Java DOM Parser – Overview
The Document Object Model is an official recommendation of the World Wide Web Consortium (W3C). It defines an interface that enables programs to access and update the style, structure,and contents of XML documents. XML parsers that support the DOM implement that interface.
When to use?
You should use a DOM parser when:
- You need to know a lot about the structure of a document
- You need to move parts of the document around (you might want to sort certain elements, for example)
- You need to use the information in the document more than once
What you get?
When you parse an XML document with a DOM parser, you get back a tree structure that contains all of the elements of your document. The DOM provides a variety of functions you can use to examine the contents and structure of the document.
The DOM is a common interface for manipulating document structures. One of its design goals is that Java code written for one DOM-compliant parser should run on any other DOM-compliant parser without changes.
The DOM defines several Java interfaces.

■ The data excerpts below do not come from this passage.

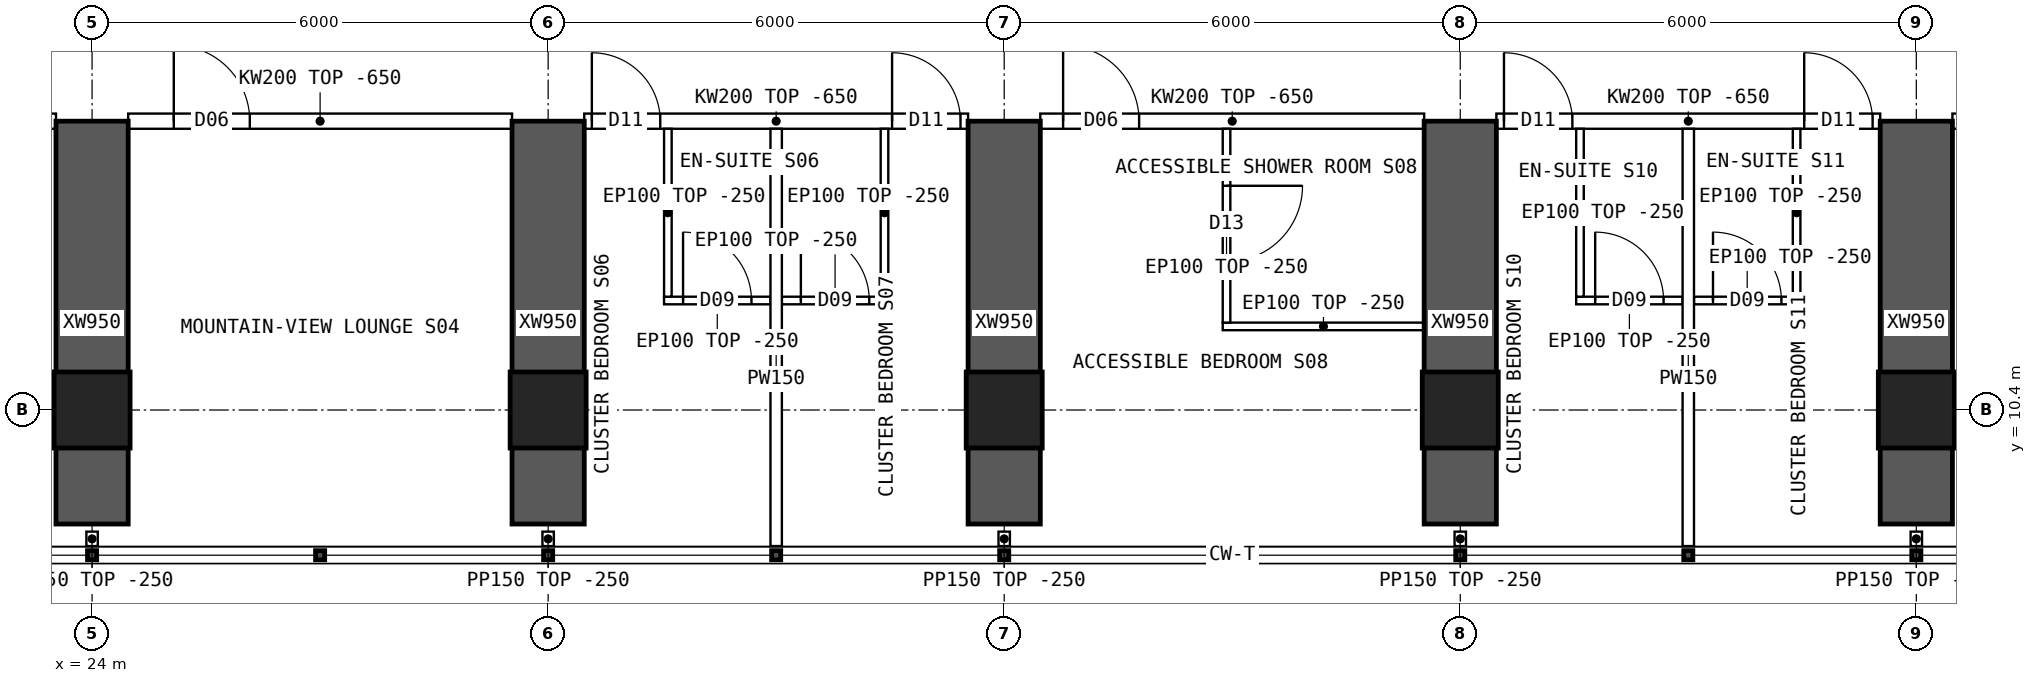
"""IFC4 building model, lengths in metres.
Left out: names, types, materials, properties, quantities, classifications, styles, units other than length and angle.
Written with IfcOpenShell. Run it as: python <this file> out.ifc"""

import sys

from ifc_helpers import new_model, si_unit, direction, frame, frame_2d, origin, origin_2d, place, context, subcontext, project, spatial, polyline, rectangle, hollow_rectangle, outline, extrude, element, fill, save


model = new_model("IFC4")
c1 = context("Model", 3, precision=1e-05, world=origin(), true_north=direction((0.0, 1.0)))
c2 = subcontext(c1, "Body", "Model", "MODEL_VIEW")
j1 = project(units=[si_unit("LENGTHUNIT", "METRE"), si_unit("PLANEANGLEUNIT", "RADIAN")], contexts=[c1])
p1 = place(None, origin())
s1 = spatial("IfcSite", under=j1, at=p1, CompositionType="ELEMENT")
p2 = place(p1, origin())
s2 = spatial("IfcBuilding", under=s1, at=p2, CompositionType="ELEMENT")
p3 = place(p2, frame((0.0, 0.0, 91.9)))
s3 = spatial("IfcBuildingStorey", under=s2, at=p3, CompositionType="ELEMENT", Elevation=91.9)
for number, where, z_axis, x_axis in (
    (1, (24.0, 10.4, 0.0), (0.0, 0.0, 1.0), (1.0, 0.0, 0.0)),
    (2, (30.0, 10.4, 0.0), (0.0, 0.0, 1.0), (1.0, 0.0, 0.0)),
    (3, (36.0, 10.4, 0.0), (0.0, 0.0, 1.0), (1.0, 0.0, 0.0)),
    (4, (42.0, 10.4, 0.0), (0.0, 0.0, 1.0), (1.0, 0.0, 0.0)),
    (5, (48.0, 10.4, 0.0), (0.0, 0.0, 1.0), (1.0, 0.0, 0.0)),
):
    element("IfcColumn", number, at=place(p3, frame(where, z_axis=z_axis, x_axis=x_axis)), inside=s3, PredefinedType="COLUMN", context=c2, shape_type="SweptSolid", body=[
        extrude(hollow_rectangle(XDim=1.0, YDim=1.0, WallThickness=0.1, at=origin_2d()), origin(), (0.0, 0.0, 1.0), 3.75),
    ])
for number, where, z_axis, x_axis in (
    (6, (24.0, 8.9, 0.0), (0.0, 0.0, 1.0), (0.0, 1.0, 0.0)),
    (7, (30.0, 8.9, 0.0), (0.0, 0.0, 1.0), (0.0, 1.0, 0.0)),
    (8, (36.0, 8.9, 0.0), (0.0, 0.0, 1.0), (0.0, 1.0, 0.0)),
    (9, (42.0, 8.9, 0.0), (0.0, 0.0, 1.0), (0.0, 1.0, 0.0)),
    (10, (48.0, 8.9, 0.0), (0.0, 0.0, 1.0), (0.0, 1.0, 0.0)),
):
    element("IfcWall", number, at=place(p3, frame(where, z_axis=z_axis, x_axis=x_axis)), inside=s3, PredefinedType="SHEAR", context=c2, shape_type="SweptSolid", body=[
        extrude(rectangle(XDim=5.3, YDim=0.95, at=frame_2d((2.65, 0.0))), origin(), (0.0, 0.0, 1.0), 3.75),
    ])
p4 = place(p3, frame((18.475, 14.2, 0.0), z_axis=(0.0, 0.0, 1.0), x_axis=(1.0, 0.0, 0.0)))
e11 = element("IfcWall", 11, at=p4, inside=s3, PredefinedType="SOLIDWALL", context=c2, shape_type="SweptSolid", body=[
    extrude(outline(polyline([(0.0, 0.0), (5.05, 0.0), (5.05, 3.1), (0.0, 3.1), (0.0, 0.0)])), frame((0.0, 0.1, 0.0), z_axis=(0.0, -1.0, 0.0), x_axis=(1.0, 0.0, 0.0)), (0.0, 0.0, 1.0), 0.2),
])
p5 = place(p4, frame((0.1, 0.0, 0.0)))
e12 = element("IfcOpeningElement", 12, at=p5, cuts=e11, PredefinedType="OPENING", context=c2, shape_type="SweptSolid", body=[
    extrude(rectangle(XDim=0.9, YDim=2.1, at=frame_2d((0.45, 1.05))), frame((0.0, 0.11, 0.0), z_axis=(0.0, -1.0, 0.0), x_axis=(1.0, 0.0, 0.0)), (0.0, 0.0, 1.0), 0.22),
])
p6 = place(p4, frame((4.05, 0.0, 0.0)))
e13 = element("IfcOpeningElement", 13, at=p6, cuts=e11, PredefinedType="OPENING", context=c2, shape_type="SweptSolid", body=[
    extrude(rectangle(XDim=0.9, YDim=2.1, at=frame_2d((0.45, 1.05))), frame((0.0, 0.11, 0.0), z_axis=(0.0, -1.0, 0.0), x_axis=(1.0, 0.0, 0.0)), (0.0, 0.0, 1.0), 0.22),
])
p7 = place(p3, frame((24.475, 14.2, 0.0), z_axis=(0.0, 0.0, 1.0), x_axis=(1.0, 0.0, 0.0)))
e14 = element("IfcWall", 14, at=p7, inside=s3, PredefinedType="SOLIDWALL", context=c2, shape_type="SweptSolid", body=[
    extrude(outline(polyline([(0.0, 0.0), (5.05, 0.0), (5.05, 3.1), (0.0, 3.1), (0.0, 0.0)])), frame((0.0, 0.1, 0.0), z_axis=(0.0, -1.0, 0.0), x_axis=(1.0, 0.0, 0.0)), (0.0, 0.0, 1.0), 0.2),
])
p8 = place(p7, frame((0.6, 0.0, 0.0)))
e15 = element("IfcOpeningElement", 15, at=p8, cuts=e14, PredefinedType="OPENING", context=c2, shape_type="SweptSolid", body=[
    extrude(rectangle(XDim=1.0, YDim=2.1, at=frame_2d((0.5, 1.05))), frame((0.0, 0.11, 0.0), z_axis=(0.0, -1.0, 0.0), x_axis=(1.0, 0.0, 0.0)), (0.0, 0.0, 1.0), 0.22),
])
p9 = place(p3, frame((30.475, 14.2, 0.0), z_axis=(0.0, 0.0, 1.0), x_axis=(1.0, 0.0, 0.0)))
e16 = element("IfcWall", 16, at=p9, inside=s3, PredefinedType="SOLIDWALL", context=c2, shape_type="SweptSolid", body=[
    extrude(outline(polyline([(0.0, 0.0), (5.05, 0.0), (5.05, 3.1), (0.0, 3.1), (0.0, 0.0)])), frame((0.0, 0.1, 0.0), z_axis=(0.0, -1.0, 0.0), x_axis=(1.0, 0.0, 0.0)), (0.0, 0.0, 1.0), 0.2),
])
p10 = place(p9, frame((0.1, 0.0, 0.0)))
e17 = element("IfcOpeningElement", 17, at=p10, cuts=e16, PredefinedType="OPENING", context=c2, shape_type="SweptSolid", body=[
    extrude(rectangle(XDim=0.9, YDim=2.1, at=frame_2d((0.45, 1.05))), frame((0.0, 0.11, 0.0), z_axis=(0.0, -1.0, 0.0), x_axis=(1.0, 0.0, 0.0)), (0.0, 0.0, 1.0), 0.22),
])
p11 = place(p9, frame((4.05, 0.0, 0.0)))
e18 = element("IfcOpeningElement", 18, at=p11, cuts=e16, PredefinedType="OPENING", context=c2, shape_type="SweptSolid", body=[
    extrude(rectangle(XDim=0.9, YDim=2.1, at=frame_2d((0.45, 1.05))), frame((0.0, 0.11, 0.0), z_axis=(0.0, -1.0, 0.0), x_axis=(1.0, 0.0, 0.0)), (0.0, 0.0, 1.0), 0.22),
])
p12 = place(p3, frame((36.475, 14.2, 0.0), z_axis=(0.0, 0.0, 1.0), x_axis=(1.0, 0.0, 0.0)))
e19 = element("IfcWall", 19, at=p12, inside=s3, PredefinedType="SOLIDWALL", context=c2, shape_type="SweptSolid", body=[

Here are the most common interfaces:
- Node – The base datatype of the DOM.
- Element – The vast majority of the objects you’ll deal with are Elements.
- Attr Represents an attribute of an element.
- Text The actual content of an Element or Attr.
- Document Represents the entire XML document. A Document object is often referred to as a DOM tree.
Common DOM methods
When you are working with the DOM, there are several methods you’ll use often:
- Document.getDocumentElement() – Returns the root element of the document.
- Node.getFirstChild() – Returns the first child of a given Node.
- Node.getLastChild() – Returns the last child of a given Node.
- Node.getNextSibling() – These methods return the next sibling of a given Node.
- Node.getPreviousSibling() – These methods return the previous sibling of a given Node.
- Node.getAttribute(attrName) – For a given Node, returns the attribute with the requested name.